Мир тесен | страница 16
На главной улице города, у округлого здания кинотеатра с грубо намалёванными афишами, часами стояли местные франты в лакированных туфлях из белой и черной кожи. Дымили дорогими сигаретами, говорили о женщинах, поджидали заезжих, чтобы развеять бездельную истому. А с моря дул нежный ветер, и из распахнутых окон высокого, с причудливыми фресками двухэтажного дворца бывшего армянского миллионера было слышно, как кричали роженицы. В фиолетовой дымке нависла над городом цитадель. А небо сияло первозданной чёрно-синей глубиной, и редкие жёлтые фонари да белые взрывы акации только подчёркивали эту глубину.
Слава не был дома всего три года, а казалось, целую вечность. Особенно мучительно тянулись в армии последние дни. Сколько было построено планов, сколько надежд… Сколько раз вспоминал он и море, и крепость, и танцы на школьных вечерах, и драки в черных проулках и тупиках магалов, вечные предостережения матери, её волнения, слёзы, когда она однажды случайно нащупала в его кармане нож. Тогда на глазах у матери он завернул лезвие в газету и переломил о колено. «Ради бога, ради бога только не это!» Он обещал и сдержал слово.
«Хорошо, что уезжая из части, я не послал домой телеграмму. Как переволновалась бы мама из-за этой роковой задержки! Не доехал до дому каких-то двести километров…»
Слава достал из кармана гимнастерки пухлую записную книжку. Записи в книжке были сделаны разноцветными чернилами. За каждой из них был день, час, минута его жизни.
«Я сижу на крепостной стене. По правую руку с зеленой горы разбежался тёмный каменный лес мусульманских памятников. Среди косо бегущих с горы надгробий резвится ярко-рыжий жеребенок, скачет, взбрыкивая тонкими ногами, заливисто ржёт. И в моей душе отзываются ему какие-то совсем древние струны. Кажется, что тысячу лет назад вот так же скакал по этой зелёной горе огненный жеребёнок и я смотрел на него из-под руки.
Прямо подо мной распластались плоские крыши магала, узкие, каменистые улочки.

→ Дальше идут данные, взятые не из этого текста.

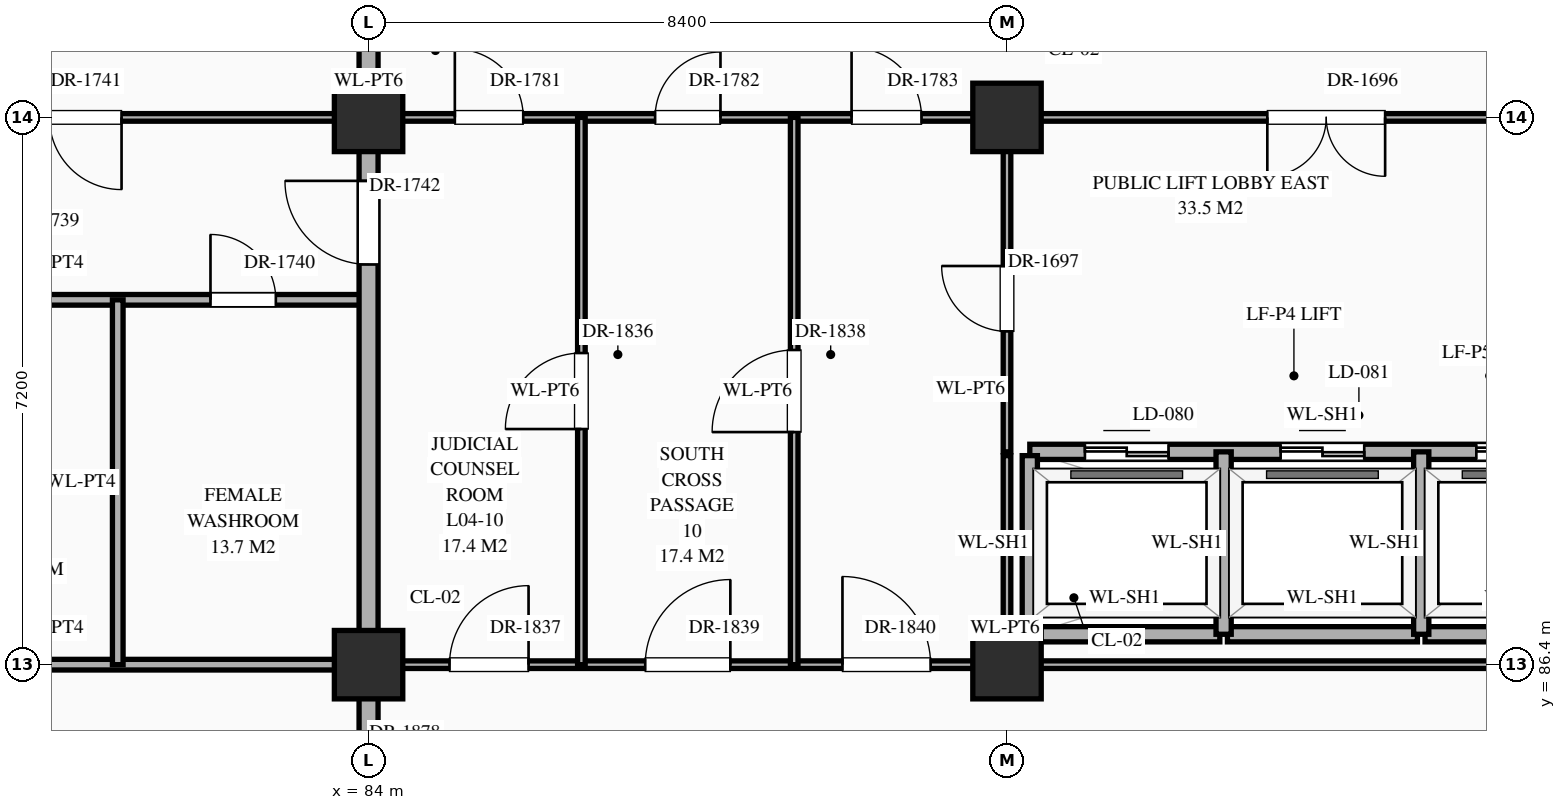
"""IFC4 building model, lengths in metres.
Left out: names, types, materials, properties, quantities, classifications, styles, units other than length and angle.
Written with IfcOpenShell. Run it as: python <this file> out.ifc"""

import sys

from ifc_helpers import new_model, si_unit, direction, frame, frame_2d, origin, origin_2d, place, context, subcontext, project, spatial, rectangle, extrude, element, fill, save


model = new_model("IFC4")
c1 = context("Model", 3, precision=1e-05, world=origin(), true_north=direction((0.0, 1.0)))
c2 = subcontext(c1, "Body", "Model", "MODEL_VIEW")
j1 = project(units=[si_unit("LENGTHUNIT", "METRE"), si_unit("PLANEANGLEUNIT", "RADIAN")], contexts=[c1])
p1 = place(None, origin())
s1 = spatial("IfcSite", under=j1, at=p1, CompositionType="ELEMENT")
p2 = place(p1, origin())
s2 = spatial("IfcBuilding", under=s1, at=p2, CompositionType="ELEMENT")
p3 = place(p2, frame((0.0, 0.0, 16.2)))
s3 = spatial("IfcBuildingStorey", under=s2, at=p3, CompositionType="ELEMENT", Elevation=16.2)
for number, where, z_axis, x_axis in (
    (1, (84.0, 86.4, 0.0), (0.0, 0.0, 1.0), (1.0, 0.0, 0.0)),
    (2, (84.0, 93.6, 0.0), (0.0, 0.0, 1.0), (1.0, 0.0, 0.0)),
    (3, (92.4, 86.4, 0.0), (0.0, 0.0, 1.0), (1.0, 0.0, 0.0)),
    (4, (92.4, 93.6, 0.0), (0.0, 0.0, 1.0), (1.0, 0.0, 0.0)),
):
    element("IfcColumn", number, at=place(p3, frame(where, z_axis=z_axis, x_axis=x_axis)), inside=s3, PredefinedType="COLUMN", context=c2, shape_type="SweptSolid", body=[
        extrude(rectangle(XDim=0.9, YDim=0.9, at=origin_2d()), origin(), (0.0, 0.0, 1.0), 5.4),
    ])
p4 = place(p3, frame((75.6, 86.4, 0.0), z_axis=(0.0, 0.0, 1.0), x_axis=(1.0, 0.0, 0.0)))
e5 = element("IfcWall", 5, at=p4, inside=s3, PredefinedType="STANDARD", context=c2, shape_type="SweptSolid", body=[
    extrude(rectangle(XDim=8.4, YDim=0.14, at=frame_2d((4.2, 0.0))), origin(), (0.0, 0.0, 1.0), 4.27),
])
p5 = place(p3, frame((84.0, 86.4, 0.0), z_axis=(0.0, 0.0, 1.0), x_axis=(1.0, 0.0, 0.0)))
e6 = element("IfcWall", 6, at=p5, inside=s3, PredefinedType="STANDARD", context=c2, shape_type="SweptSolid", body=[
    extrude(rectangle(XDim=8.4, YDim=0.1, at=frame_2d((4.2, 0.0))), origin(), (0.0, 0.0, 1.0), 4.27),
])
p6 = place(p5, frame((1.065, 0.0, 0.0)))
e7 = element("IfcOpeningElement", 7, at=p6, cuts=e6, PredefinedType="OPENING", context=c2, shape_type="SweptSolid", body=[
    extrude(rectangle(XDim=1.04, YDim=2.2, at=frame_2d((0.52, 1.1))), frame((0.0, 0.062, 0.0), z_axis=(0.0, -1.0, 0.0), x_axis=(1.0, 0.0, 0.0)), (0.0, 0.0, 1.0), 0.124),
])
p7 = place(p5, frame((3.64, 0.0, 0.0)))
e8 = element("IfcOpeningElement", 8, at=p7, cuts=e6, PredefinedType="OPENING", context=c2, shape_type="SweptSolid", body=[
    extrude(rectangle(XDim=1.12, YDim=2.25, at=frame_2d((0.56, 1.125))), frame((0.0, 0.062, 0.0), z_axis=(0.0, -1.0, 0.0), x_axis=(1.0, 0.0, 0.0)), (0.0, 0.0, 1.0), 0.124),
])
p8 = place(p5, frame((6.235, 0.0, 0.0)))
e9 = element("IfcOpeningElement", 9, at=p8, cuts=e6, PredefinedType="OPENING", context=c2, shape_type="SweptSolid", body=[
    extrude(rectangle(XDim=1.16, YDim=2.3, at=frame_2d((0.58, 1.15))), frame((0.0, 0.062, 0.0), z_axis=(0.0, -1.0, 0.0), x_axis=(1.0, 0.0, 0.0)), (0.0, 0.0, 1.0), 0.124),
])
p9 = place(p3, frame((92.45, 86.4, 0.0), z_axis=(0.0, 0.0, 1.0), x_axis=(1.0, 0.0, 0.0)))
e10 = element("IfcWall", 10, at=p9, inside=s3, PredefinedType="STANDARD", context=c2, shape_type="SweptSolid", body=[
    extrude(rectangle(XDim=8.3, YDim=0.1, at=frame_2d((4.15, 0.0))), origin(), (0.0, 0.0, 1.0), 4.27),
])
for number, where, z_axis, x_axis in (
    (11, (92.7, 86.8, 0.0), (0.0, 0.0, 1.0), (1.0, 0.0, 0.0)),
    (12, (95.3, 86.8, 0.0), (0.0, 0.0, 1.0), (1.0, 0.0, 0.0)),
    (13, (97.9, 86.8, 0.0), (0.0, 0.0, 1.0), (1.0, 0.0, 0.0)),
):
    element("IfcWall", number, at=place(p3, frame(where, z_axis=z_axis, x_axis=x_axis)), inside=s3, PredefinedType="STANDARD", context=c2, shape_type="SweptSolid", body=[
        extrude(rectangle(XDim=2.5, YDim=0.2, at=frame_2d((1.25, 0.0))), origin(), (0.0, 0.0, 1.0), 5.12),
    ])
p10 = place(p3, frame((92.7, 89.2, 0.0), z_axis=(0.0, 0.0, 1.0), x_axis=(1.0, 0.0, 0.0)))
e14 = element("IfcWall", 14, at=p10, inside=s3, PredefinedType="STANDARD", context=c2, shape_type="SweptSolid", body=[
    extrude(rectangle(XDim=7.7, YDim=0.2, at=frame_2d((3.85, 0.0))), origin(), (0.0, 0.0, 1.0), 5.12),
])
p11 = place(p10, frame((0.725, 0.0, 0.0)))
e15 = element("IfcOpeningElement", 15, at=p11, cuts=e14, PredefinedType="OPENING", context=c2, shape_type="SweptSolid", body=[
    extrude(rectangle(XDim=1.1, YDim=2.15, at=frame_2d((0.55, 1.075))), frame((0.0, 0.112, 0.0), z_axis=(0.0, -1.0, 0.0), x_axis=(1.0, 0.0, 0.0)), (0.0, 0.0, 1.0), 0.224),
])
p12 = place(p10, frame((3.3, 0.0, 0.0)))
e16 = element("IfcOpeningElement", 16, at=p12, cuts=e14, PredefinedType="OPENING", context=c2, shape_type="SweptSolid", body=[
    extrude(rectangle(XDim=1.1, YDim=2.15, at=frame_2d((0.55, 1.075))), frame((0.0, 0.112, 0.0), z_axis=(0.0, -1.0, 0.0), x_axis=(1.0, 0.0, 0.0)), (0.0, 0.0, 1.0), 0.224),
])
p13 = place(p10, frame((5.875, 0.0, 0.0)))
e17 = element("IfcOpeningElement", 17, at=p13, cuts=e14, PredefinedType="OPENING", context=c2, shape_type="SweptSolid", body=[
    extrude(rectangle(XDim=1.1, YDim=2.15, at=frame_2d((0.55, 1.075))), frame((0.0, 0.112, 0.0), z_axis=(0.0, -1.0, 0.0), x_axis=(1.0, 0.0, 0.0)), (0.0, 0.0, 1.0), 0.224),
])
p14 = place(p3, frame((75.6, 91.2, 0.0), z_axis=(0.0, 0.0, 1.0), x_axis=(1.0, 0.0, 0.0)))
e18 = element("IfcWall", 18, at=p14, inside=s3, PredefinedType="STANDARD", context=c2, shape_type="SweptSolid", body=[
    extrude(rectangle(XDim=8.4, YDim=0.14, at=frame_2d((4.2, 0.0))), origin(), (0.0, 0.0, 1.0), 5.12),
])
p15 = place(p14, frame((0.65, 0.0, 0.0)))
e19 = element("IfcOpeningElement", 19, at=p15, cuts=e18, PredefinedType="OPENING", context=c2, shape_type="SweptSolid", body=[
    extrude(rectangle(XDim=0.9, YDim=2.15, at=frame_2d((0.45, 1.075))), frame((0.0, 0.082, 0.0), z_axis=(0.0, -1.0, 0.0), x_axis=(1.0, 0.0, 0.0)), (0.0, 0.0, 1.0), 0.164),
])
p16 = place(p14, frame((3.22, 0.0, 0.0)))
e20 = element("IfcOpeningElement", 20, at=p16, cuts=e18, PredefinedType="OPENING", context=c2, shape_type="SweptSolid", body=[
    extrude(rectangle(XDim=0.86, YDim=2.1, at=frame_2d((0.43, 1.05))), frame((0.0, 0.082, 0.0), z_axis=(0.0, -1.0, 0.0), x_axis=(1.0, 0.0, 0.0)), (0.0, 0.0, 1.0), 0.164),
])
p17 = place(p14, frame((6.32, 0.0, 0.0)))
e21 = element("IfcOpeningElement", 21, at=p17, cuts=e18, PredefinedType="OPENING", context=c2, shape_type="SweptSolid", body=[
    extrude(rectangle(XDim=0.86, YDim=2.1, at=frame_2d((0.43, 1.05))), frame((0.0, 0.082, 0.0), z_axis=(0.0, -1.0, 0.0), x_axis=(1.0, 0.0, 0.0)), (0.0, 0.0, 1.0), 0.164),
])
p18 = place(p3, frame((67.2, 93.6, 0.0), z_axis=(0.0, 0.0, 1.0), x_axis=(1.0, 0.0, 0.0)))
e22 = element("IfcWall", 22, at=p18, inside=s3, PredefinedType="STANDARD", context=c2, shape_type="SweptSolid", body=[
    extrude(rectangle(XDim=33.6, YDim=0.1, at=frame_2d((16.8, 0.0))), origin(), (0.0, 0.0, 1.0), 4.27),
])
p19 = place(p18, frame((3.375, 0.0, 0.0)))
e23 = element("IfcOpeningElement", 23, at=p19, cuts=e22, PredefinedType="OPENING", context=c2, shape_type="SweptSolid", body=[
    extrude(rectangle(XDim=1.65, YDim=2.4, at=frame_2d((0.825, 1.2))), frame((0.0, 0.062, 0.0), z_axis=(0.0, -1.0, 0.0), x_axis=(1.0, 0.0, 0.0)), (0.0, 0.0, 1.0), 0.124),
])
p20 = place(p18, frame((28.625, 0.0, 0.0)))
e24 = element("IfcOpeningElement", 24, at=p20, cuts=e22, PredefinedType="OPENING", context=c2, shape_type="SweptSolid", body=[
    extrude(rectangle(XDim=1.55, YDim=2.35, at=frame_2d((0.775, 1.175))), frame((0.0, 0.062, 0.0), z_axis=(0.0, -1.0, 0.0), x_axis=(1.0, 0.0, 0.0)), (0.0, 0.0, 1.0), 0.124),
])
p21 = place(p18, frame((11.65, 0.0, 0.0)))
e25 = element("IfcOpeningElement", 25, at=p21, cuts=e22, PredefinedType="OPENING", context=c2, shape_type="SweptSolid", body=[
    extrude(rectangle(XDim=1.9, YDim=2.5, at=frame_2d((0.95, 1.25))), frame((0.0, 0.062, 0.0), z_axis=(0.0, -1.0, 0.0), x_axis=(1.0, 0.0, 0.0)), (0.0, 0.0, 1.0), 0.124),
])
p22 = place(p18, frame((17.935, 0.0, 0.0)))
e26 = element("IfcOpeningElement", 26, at=p22, cuts=e22, PredefinedType="OPENING", context=c2, shape_type="SweptSolid", body=[
    extrude(rectangle(XDim=0.9, YDim=2.15, at=frame_2d((0.45, 1.075))), frame((0.0, 0.062, 0.0), z_axis=(0.0, -1.0, 0.0), x_axis=(1.0, 0.0, 0.0)), (0.0, 0.0, 1.0), 0.124),
])
p23 = place(p18, frame((20.57, 0.0, 0.0)))
e27 = element("IfcOpeningElement", 27, at=p23, cuts=e22, PredefinedType="OPENING", context=c2, shape_type="SweptSolid", body=[
    extrude(rectangle(XDim=0.86, YDim=2.1, at=frame_2d((0.43, 1.05))), frame((0.0, 0.062, 0.0), z_axis=(0.0, -1.0, 0.0), x_axis=(1.0, 0.0, 0.0)), (0.0, 0.0, 1.0), 0.124),
])
p24 = place(p18, frame((23.155, 0.0, 0.0)))
e28 = element("IfcOpeningElement", 28, at=p24, cuts=e22, PredefinedType="OPENING", context=c2, shape_type="SweptSolid", body=[
    extrude(rectangle(XDim=0.92, YDim=2.15, at=frame_2d((0.46, 1.075))), frame((0.0, 0.062, 0.0), z_axis=(0.0, -1.0, 0.0), x_axis=(1.0, 0.0, 0.0)), (0.0, 0.0, 1.0), 0.124),
])
p25 = place(p3, frame((80.7, 86.4, 0.0), z_axis=(0.0, 0.0, 1.0), x_axis=(0.0, 1.0, 0.0)))
e29 = element("IfcWall", 29, at=p25, inside=s3, PredefinedType="STANDARD", context=c2, shape_type="SweptSolid", body=[
    extrude(rectangle(XDim=4.8, YDim=0.14, at=frame_2d((2.4, 0.0))), origin(), (0.0, 0.0, 1.0), 5.12),
])
p26 = place(p3, frame((84.0, 79.2, 0.0), z_axis=(0.0, 0.0, 1.0), x_axis=(0.0, 1.0, 0.0)))
e30 = element("IfcWall", 30, at=p26, inside=s3, PredefinedType="STANDARD", context=c2, shape_type="SweptSolid", body=[
    extrude(rectangle(XDim=35.96, YDim=0.25, at=frame_2d((17.98, 0.0))), origin(), (0.0, 0.0, 1.0), 4.37),
])
p27 = place(p26, frame((22.585, 0.0, 0.0)))
e31 = element("IfcOpeningElement", 31, at=p27, cuts=e30, PredefinedType="OPENING", context=c2, shape_type="SweptSolid", body=[
    extrude(rectangle(XDim=2.0, YDim=2.4, at=frame_2d((1.0, 1.2))), frame((0.0, 0.137, 0.0), z_axis=(0.0, -1.0, 0.0), x_axis=(1.0, 0.0, 0.0)), (0.0, 0.0, 1.0), 0.274),
])
p28 = place(p26, frame((12.465, 0.0, 0.0)))
e32 = element("IfcOpeningElement", 32, at=p28, cuts=e30, PredefinedType="OPENING", context=c2, shape_type="SweptSolid", body=[
    extrude(rectangle(XDim=1.1, YDim=2.2, at=frame_2d((0.55, 1.1))), frame((0.0, 0.137, 0.0), z_axis=(0.0, -1.0, 0.0), x_axis=(1.0, 0.0, 0.0)), (0.0, 0.0, 1.0), 0.274),
])
p29 = place(p26, frame((15.31, 0.0, 0.0)))
e33 = element("IfcOpeningElement", 33, at=p29, cuts=e30, PredefinedType="OPENING", context=c2, shape_type="SweptSolid", body=[
    extrude(rectangle(XDim=0.95, YDim=2.15, at=frame_2d((0.475, 1.075))), frame((0.0, 0.137, 0.0), z_axis=(0.0, -1.0, 0.0), x_axis=(1.0, 0.0, 0.0)), (0.0, 0.0, 1.0), 0.274),
])
p30 = place(p26, frame((26.065, 0.0, 0.0)))
e34 = element("IfcOpeningElement", 34, at=p30, cuts=e30, PredefinedType="OPENING", context=c2, shape_type="SweptSolid", body=[
    extrude(rectangle(XDim=1.5, YDim=2.25, at=frame_2d((0.75, 1.125))), frame((0.0, 0.137, 0.0), z_axis=(0.0, -1.0, 0.0), x_axis=(1.0, 0.0, 0.0)), (0.0, 0.0, 1.0), 0.274),
])
p31 = place(p26, frame((29.71, 0.0, 0.0)))
e35 = element("IfcOpeningElement", 35, at=p31, cuts=e30, PredefinedType="OPENING", context=c2, shape_type="SweptSolid", body=[
    extrude(rectangle(XDim=0.95, YDim=2.15, at=frame_2d((0.475, 1.075))), frame((0.0, 0.137, 0.0), z_axis=(0.0, -1.0, 0.0), x_axis=(1.0, 0.0, 0.0)), (0.0, 0.0, 1.0), 0.274),
])
p32 = place(p26, frame((5.315, 0.0, 0.0)))
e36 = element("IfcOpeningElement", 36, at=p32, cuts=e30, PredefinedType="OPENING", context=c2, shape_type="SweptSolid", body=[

Эти улочки помнят воинов Александра Македонского и нукеров Батыя.
По левую мою руку — голубеет огромный купол Главной мечети. Над ним, как всплеск, поднимаются зелёным островом в небо кроны могучих пятисотлетних платанов, что стоят во дворе мечети. А ещё в том дворе, под круглым камнем, один жестокий хан закопал четыре с половиной пуда человеческих глаз. Сколько света вместили в себя эти глаза!
Крепость начинают реставрировать. Из руин проясняется то, что было здесь раньше. Очень милая была планировка внутри крепости: дворец — гарем — казарма — тюрьма. Строения шли одно за другим, стена, к стене — каждый метр внутри цитадели был на вес золота, ханам приходилось обходиться без архитектурных излишеств.